Besides, if contemporary art were so unobjectionable, would Johnson be whining about it at length in the New York Times art section? I mean, he whines about Damien Hirst’s “Virgin Mother” in a parenthesis. His claim that “art lovers will be relieved” to hear the “hideous” statue has been removed leaves me wondering what flavor, exactly of “not inoffensive” he actually wants. Maybe most public art isn’t overtly challenging everyone’s sensibilities, but it’s bothering someone enough to engage with it publicly in the newspaper. In my book, that qualifies as getting over the “inoffensive” bar. Between the inconsistencies, the snide reactions, and the uncomfortable praise of “traditional” art, it’s completely unclear to me what Ken Johnson actually does want from his public art. Except, maybe, something less “those kids,” “these days,” and “on my lawn.”
1: Sorry, NYTimes, I love you, but it’s true.
2: And on top of that, there’s the uncomfortable dog-whistle-like feeling of this note:
On a recent sunny day there were lots of people on the plaza in front of the [sculpture of Sherman], but most were watching a group of athletic young men performing gymnastic dance feats to loud hip-hop music. It seemed a safe bet that no one there knew or cared who the man on the horse was or who made the sculpture that honors him.
Really? Really?
3: When they’re not involved in discrimination lawsuits.
4: When they’re not battling teachers’ unions.

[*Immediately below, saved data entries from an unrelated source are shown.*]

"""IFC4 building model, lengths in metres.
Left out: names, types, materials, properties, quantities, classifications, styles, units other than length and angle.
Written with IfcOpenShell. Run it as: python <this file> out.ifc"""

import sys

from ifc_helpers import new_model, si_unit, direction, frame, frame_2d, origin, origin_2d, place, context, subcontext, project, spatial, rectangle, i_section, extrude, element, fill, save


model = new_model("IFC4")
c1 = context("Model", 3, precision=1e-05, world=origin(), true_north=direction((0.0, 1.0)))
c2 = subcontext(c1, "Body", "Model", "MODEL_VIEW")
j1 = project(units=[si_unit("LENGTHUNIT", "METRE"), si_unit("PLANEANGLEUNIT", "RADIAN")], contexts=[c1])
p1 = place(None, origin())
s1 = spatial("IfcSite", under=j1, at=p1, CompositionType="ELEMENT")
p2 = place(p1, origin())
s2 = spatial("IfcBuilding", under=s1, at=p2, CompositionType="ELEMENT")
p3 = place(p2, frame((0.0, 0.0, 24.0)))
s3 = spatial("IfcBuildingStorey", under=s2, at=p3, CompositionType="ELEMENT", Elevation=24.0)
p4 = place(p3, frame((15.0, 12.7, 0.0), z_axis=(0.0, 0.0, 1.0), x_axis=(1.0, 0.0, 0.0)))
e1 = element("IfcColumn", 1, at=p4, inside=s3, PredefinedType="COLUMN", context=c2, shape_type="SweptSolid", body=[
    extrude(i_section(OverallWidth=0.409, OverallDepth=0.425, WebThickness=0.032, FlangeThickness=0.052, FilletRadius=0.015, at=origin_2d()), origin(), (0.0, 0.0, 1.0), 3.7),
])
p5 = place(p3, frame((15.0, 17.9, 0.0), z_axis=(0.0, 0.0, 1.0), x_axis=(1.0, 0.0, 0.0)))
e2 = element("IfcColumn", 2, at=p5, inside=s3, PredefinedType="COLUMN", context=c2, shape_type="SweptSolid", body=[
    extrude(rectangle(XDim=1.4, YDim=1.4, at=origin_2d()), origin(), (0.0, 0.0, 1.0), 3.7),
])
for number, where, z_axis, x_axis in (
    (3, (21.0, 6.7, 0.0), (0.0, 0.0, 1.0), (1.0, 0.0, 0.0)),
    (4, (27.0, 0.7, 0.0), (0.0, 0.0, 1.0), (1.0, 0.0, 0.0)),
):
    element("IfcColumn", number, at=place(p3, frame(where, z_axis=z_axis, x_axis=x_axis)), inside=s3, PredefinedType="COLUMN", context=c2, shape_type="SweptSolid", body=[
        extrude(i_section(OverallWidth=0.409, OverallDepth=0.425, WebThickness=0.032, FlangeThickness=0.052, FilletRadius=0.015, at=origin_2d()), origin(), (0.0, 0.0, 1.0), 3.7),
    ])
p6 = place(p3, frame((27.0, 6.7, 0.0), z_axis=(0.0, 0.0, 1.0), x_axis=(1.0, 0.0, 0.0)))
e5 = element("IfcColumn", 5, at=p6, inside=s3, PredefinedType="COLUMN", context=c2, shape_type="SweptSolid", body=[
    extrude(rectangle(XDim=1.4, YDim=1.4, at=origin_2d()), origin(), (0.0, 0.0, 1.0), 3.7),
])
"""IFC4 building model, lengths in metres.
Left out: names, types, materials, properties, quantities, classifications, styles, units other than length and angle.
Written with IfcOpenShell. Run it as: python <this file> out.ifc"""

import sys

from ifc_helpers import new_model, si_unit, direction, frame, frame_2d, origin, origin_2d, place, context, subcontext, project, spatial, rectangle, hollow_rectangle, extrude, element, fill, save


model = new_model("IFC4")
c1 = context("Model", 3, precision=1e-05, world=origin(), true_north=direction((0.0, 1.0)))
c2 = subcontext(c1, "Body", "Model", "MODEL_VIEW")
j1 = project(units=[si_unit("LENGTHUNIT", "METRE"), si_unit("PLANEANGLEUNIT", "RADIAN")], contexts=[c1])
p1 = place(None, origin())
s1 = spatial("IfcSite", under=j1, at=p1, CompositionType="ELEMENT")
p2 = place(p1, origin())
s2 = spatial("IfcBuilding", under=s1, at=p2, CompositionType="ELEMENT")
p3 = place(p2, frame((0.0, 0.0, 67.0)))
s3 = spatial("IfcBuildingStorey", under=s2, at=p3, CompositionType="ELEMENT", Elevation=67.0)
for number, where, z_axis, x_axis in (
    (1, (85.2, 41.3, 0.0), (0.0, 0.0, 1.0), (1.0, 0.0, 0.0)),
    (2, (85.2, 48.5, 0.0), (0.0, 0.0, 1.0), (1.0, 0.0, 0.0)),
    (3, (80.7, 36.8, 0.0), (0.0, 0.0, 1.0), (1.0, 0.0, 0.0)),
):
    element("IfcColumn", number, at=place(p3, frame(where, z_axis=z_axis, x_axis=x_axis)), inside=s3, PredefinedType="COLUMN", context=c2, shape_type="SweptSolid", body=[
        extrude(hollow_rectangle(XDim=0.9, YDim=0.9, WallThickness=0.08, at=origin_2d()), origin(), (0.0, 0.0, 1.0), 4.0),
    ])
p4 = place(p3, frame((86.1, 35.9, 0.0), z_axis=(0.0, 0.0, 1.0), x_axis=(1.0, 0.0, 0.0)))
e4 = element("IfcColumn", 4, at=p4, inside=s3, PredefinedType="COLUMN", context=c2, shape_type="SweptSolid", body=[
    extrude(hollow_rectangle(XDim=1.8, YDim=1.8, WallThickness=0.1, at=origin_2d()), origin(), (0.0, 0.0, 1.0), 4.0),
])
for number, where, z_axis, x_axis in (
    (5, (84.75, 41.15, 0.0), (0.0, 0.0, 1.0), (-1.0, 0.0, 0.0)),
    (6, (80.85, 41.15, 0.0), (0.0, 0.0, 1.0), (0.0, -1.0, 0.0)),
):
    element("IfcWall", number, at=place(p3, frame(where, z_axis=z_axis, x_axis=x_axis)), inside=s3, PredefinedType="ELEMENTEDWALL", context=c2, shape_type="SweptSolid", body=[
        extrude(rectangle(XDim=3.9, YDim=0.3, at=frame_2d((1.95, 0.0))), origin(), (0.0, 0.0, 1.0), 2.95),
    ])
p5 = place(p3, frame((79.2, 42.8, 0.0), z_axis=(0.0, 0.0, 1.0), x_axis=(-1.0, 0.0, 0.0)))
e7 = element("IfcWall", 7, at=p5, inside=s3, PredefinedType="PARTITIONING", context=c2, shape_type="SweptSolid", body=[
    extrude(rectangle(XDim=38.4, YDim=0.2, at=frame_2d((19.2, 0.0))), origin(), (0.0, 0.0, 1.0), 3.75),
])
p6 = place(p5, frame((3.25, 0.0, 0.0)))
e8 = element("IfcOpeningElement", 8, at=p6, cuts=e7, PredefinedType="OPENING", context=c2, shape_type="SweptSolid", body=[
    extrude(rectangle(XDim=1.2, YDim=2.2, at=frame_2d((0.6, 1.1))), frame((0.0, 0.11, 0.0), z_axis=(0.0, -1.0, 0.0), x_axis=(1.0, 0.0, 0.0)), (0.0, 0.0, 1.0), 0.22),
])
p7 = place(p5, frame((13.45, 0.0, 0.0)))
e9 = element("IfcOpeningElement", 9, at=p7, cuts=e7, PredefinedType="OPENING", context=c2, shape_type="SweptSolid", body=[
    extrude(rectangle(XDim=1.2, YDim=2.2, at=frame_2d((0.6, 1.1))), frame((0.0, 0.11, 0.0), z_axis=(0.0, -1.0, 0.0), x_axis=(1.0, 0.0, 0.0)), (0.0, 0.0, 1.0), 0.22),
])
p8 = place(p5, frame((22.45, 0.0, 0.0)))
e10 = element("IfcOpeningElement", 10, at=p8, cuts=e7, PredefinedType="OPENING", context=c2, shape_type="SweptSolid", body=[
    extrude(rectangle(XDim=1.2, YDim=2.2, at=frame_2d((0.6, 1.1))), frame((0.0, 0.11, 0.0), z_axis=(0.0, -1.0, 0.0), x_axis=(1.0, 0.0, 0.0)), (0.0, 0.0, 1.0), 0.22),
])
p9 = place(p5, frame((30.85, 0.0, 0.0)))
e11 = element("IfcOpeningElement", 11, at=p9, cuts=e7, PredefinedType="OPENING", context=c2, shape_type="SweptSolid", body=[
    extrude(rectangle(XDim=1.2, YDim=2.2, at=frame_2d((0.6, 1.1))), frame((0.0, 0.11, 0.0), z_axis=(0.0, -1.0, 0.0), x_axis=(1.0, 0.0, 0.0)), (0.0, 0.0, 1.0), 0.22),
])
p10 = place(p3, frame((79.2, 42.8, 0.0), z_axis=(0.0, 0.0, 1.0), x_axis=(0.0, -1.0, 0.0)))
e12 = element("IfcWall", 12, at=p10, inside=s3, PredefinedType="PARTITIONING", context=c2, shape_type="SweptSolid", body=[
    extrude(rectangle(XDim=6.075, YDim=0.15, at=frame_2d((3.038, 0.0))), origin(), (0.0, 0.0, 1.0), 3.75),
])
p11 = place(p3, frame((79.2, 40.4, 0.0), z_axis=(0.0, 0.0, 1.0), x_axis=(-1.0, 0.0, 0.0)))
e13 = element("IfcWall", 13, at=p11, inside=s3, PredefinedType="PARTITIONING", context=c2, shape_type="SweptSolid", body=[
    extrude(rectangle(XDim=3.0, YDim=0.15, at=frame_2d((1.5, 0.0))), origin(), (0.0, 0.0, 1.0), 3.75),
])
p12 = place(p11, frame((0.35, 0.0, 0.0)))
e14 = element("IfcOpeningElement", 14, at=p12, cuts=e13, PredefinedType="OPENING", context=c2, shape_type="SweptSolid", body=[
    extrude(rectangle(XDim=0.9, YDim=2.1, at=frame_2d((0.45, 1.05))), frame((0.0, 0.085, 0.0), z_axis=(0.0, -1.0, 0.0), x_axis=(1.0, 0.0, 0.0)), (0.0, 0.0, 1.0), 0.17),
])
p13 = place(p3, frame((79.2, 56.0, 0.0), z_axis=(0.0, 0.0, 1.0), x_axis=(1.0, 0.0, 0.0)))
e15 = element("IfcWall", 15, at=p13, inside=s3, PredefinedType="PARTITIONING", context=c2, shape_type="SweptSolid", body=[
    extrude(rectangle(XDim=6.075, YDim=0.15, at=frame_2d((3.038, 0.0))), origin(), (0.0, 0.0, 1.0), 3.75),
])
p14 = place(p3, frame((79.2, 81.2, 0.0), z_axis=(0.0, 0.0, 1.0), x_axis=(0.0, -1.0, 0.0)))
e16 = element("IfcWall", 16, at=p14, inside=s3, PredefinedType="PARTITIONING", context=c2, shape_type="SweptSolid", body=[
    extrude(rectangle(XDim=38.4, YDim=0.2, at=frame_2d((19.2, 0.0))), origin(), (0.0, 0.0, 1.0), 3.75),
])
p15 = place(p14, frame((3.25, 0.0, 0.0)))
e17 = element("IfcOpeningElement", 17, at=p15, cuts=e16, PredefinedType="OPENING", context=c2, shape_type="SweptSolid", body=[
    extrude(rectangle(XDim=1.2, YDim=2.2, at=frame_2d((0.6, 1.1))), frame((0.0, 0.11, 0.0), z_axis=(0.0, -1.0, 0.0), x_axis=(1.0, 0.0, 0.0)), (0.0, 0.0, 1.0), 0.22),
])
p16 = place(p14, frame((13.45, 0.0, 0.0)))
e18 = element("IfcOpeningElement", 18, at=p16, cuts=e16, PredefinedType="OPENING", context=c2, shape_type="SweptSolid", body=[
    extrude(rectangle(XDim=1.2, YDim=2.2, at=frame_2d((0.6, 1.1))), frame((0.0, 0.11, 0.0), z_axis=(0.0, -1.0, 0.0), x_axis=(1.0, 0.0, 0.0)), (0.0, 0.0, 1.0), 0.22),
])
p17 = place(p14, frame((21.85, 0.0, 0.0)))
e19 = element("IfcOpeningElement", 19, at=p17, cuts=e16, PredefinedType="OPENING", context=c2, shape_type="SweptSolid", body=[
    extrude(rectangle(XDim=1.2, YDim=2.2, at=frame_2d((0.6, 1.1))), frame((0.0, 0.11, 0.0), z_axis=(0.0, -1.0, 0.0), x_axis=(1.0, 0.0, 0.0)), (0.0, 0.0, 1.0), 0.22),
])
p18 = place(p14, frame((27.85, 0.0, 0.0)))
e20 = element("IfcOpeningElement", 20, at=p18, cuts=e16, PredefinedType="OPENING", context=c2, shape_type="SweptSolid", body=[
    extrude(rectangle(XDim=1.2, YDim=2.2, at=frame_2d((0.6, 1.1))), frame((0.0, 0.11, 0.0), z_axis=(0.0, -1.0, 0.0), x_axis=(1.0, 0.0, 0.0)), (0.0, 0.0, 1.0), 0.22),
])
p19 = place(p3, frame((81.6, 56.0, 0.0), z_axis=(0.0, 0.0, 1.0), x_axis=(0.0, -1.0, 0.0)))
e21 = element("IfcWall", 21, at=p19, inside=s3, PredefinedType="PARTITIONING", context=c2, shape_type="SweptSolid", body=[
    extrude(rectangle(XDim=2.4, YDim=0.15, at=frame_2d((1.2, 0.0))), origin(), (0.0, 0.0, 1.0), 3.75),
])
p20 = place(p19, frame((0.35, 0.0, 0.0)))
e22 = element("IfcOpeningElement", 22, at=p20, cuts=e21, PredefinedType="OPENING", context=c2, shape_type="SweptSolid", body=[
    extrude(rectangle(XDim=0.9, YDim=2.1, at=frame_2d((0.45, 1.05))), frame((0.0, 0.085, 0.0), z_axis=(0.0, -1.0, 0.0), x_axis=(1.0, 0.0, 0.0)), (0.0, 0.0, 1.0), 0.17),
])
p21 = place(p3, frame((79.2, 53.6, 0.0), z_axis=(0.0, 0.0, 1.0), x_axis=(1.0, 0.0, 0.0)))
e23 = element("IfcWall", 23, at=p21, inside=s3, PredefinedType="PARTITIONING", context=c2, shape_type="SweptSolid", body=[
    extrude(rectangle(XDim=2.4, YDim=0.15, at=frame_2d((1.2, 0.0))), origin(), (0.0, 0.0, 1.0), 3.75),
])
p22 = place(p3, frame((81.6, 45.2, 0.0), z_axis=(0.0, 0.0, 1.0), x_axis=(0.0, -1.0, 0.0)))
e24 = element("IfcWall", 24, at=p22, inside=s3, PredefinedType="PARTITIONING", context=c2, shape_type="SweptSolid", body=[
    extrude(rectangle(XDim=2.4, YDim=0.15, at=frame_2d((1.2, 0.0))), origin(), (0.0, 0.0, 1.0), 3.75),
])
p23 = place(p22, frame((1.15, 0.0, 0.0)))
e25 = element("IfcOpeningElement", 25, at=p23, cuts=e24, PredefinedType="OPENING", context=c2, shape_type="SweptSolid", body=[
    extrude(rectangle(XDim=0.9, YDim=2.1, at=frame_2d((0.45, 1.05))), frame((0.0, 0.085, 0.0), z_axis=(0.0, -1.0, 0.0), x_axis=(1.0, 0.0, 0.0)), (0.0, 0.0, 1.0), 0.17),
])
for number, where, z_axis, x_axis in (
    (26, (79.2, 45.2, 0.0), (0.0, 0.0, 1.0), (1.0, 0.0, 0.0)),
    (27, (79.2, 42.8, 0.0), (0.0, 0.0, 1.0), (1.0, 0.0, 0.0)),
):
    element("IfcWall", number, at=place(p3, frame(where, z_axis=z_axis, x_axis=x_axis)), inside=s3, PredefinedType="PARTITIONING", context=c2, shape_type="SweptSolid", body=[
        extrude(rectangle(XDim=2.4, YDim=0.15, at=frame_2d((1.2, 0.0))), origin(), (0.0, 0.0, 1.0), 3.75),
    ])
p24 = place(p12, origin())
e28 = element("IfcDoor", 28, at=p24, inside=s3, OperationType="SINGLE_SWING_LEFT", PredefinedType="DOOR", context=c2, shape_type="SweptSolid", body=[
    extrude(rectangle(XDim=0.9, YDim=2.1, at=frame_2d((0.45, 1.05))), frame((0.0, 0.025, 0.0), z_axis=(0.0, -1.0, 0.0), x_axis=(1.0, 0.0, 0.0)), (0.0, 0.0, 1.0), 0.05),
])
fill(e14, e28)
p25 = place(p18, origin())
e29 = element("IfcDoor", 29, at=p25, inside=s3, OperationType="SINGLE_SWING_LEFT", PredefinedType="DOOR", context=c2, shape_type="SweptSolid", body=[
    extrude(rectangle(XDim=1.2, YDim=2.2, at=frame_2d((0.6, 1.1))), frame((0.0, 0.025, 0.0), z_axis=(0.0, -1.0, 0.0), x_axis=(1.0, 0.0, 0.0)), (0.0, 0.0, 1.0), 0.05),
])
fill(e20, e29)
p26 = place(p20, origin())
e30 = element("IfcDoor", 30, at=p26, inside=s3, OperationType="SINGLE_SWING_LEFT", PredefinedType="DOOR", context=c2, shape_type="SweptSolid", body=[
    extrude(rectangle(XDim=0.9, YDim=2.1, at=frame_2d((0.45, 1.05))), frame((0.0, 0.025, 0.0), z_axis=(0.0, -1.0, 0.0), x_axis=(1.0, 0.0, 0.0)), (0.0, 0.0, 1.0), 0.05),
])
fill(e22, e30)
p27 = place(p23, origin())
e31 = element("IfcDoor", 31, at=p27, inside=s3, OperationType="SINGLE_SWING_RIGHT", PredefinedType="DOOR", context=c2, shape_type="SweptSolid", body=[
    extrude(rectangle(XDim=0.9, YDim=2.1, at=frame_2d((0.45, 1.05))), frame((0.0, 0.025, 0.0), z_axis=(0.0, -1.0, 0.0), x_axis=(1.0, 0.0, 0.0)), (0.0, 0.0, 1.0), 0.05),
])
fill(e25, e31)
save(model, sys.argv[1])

5: And again with the awkward, uncomfortable stereotypes: “The whole thing resembles the roofing of a South Pacific king’s palatial hut.”
5 Comments
Snap.
It seems to me that the disconnect here comes not so much from a dichotomy of style as from a dichotomy of purpose. Public art is meant to entertain, and/or make us think. It is a decoration. Public monuments are meant to commemorate and propagandize.
The last sentence in your article proper makes me incredibly happy in my pants. And I’m not even wearing pants! RRRRROWR!
This.
How’s your breakfast, New York Times? I ask because you JUST GOT SERVED.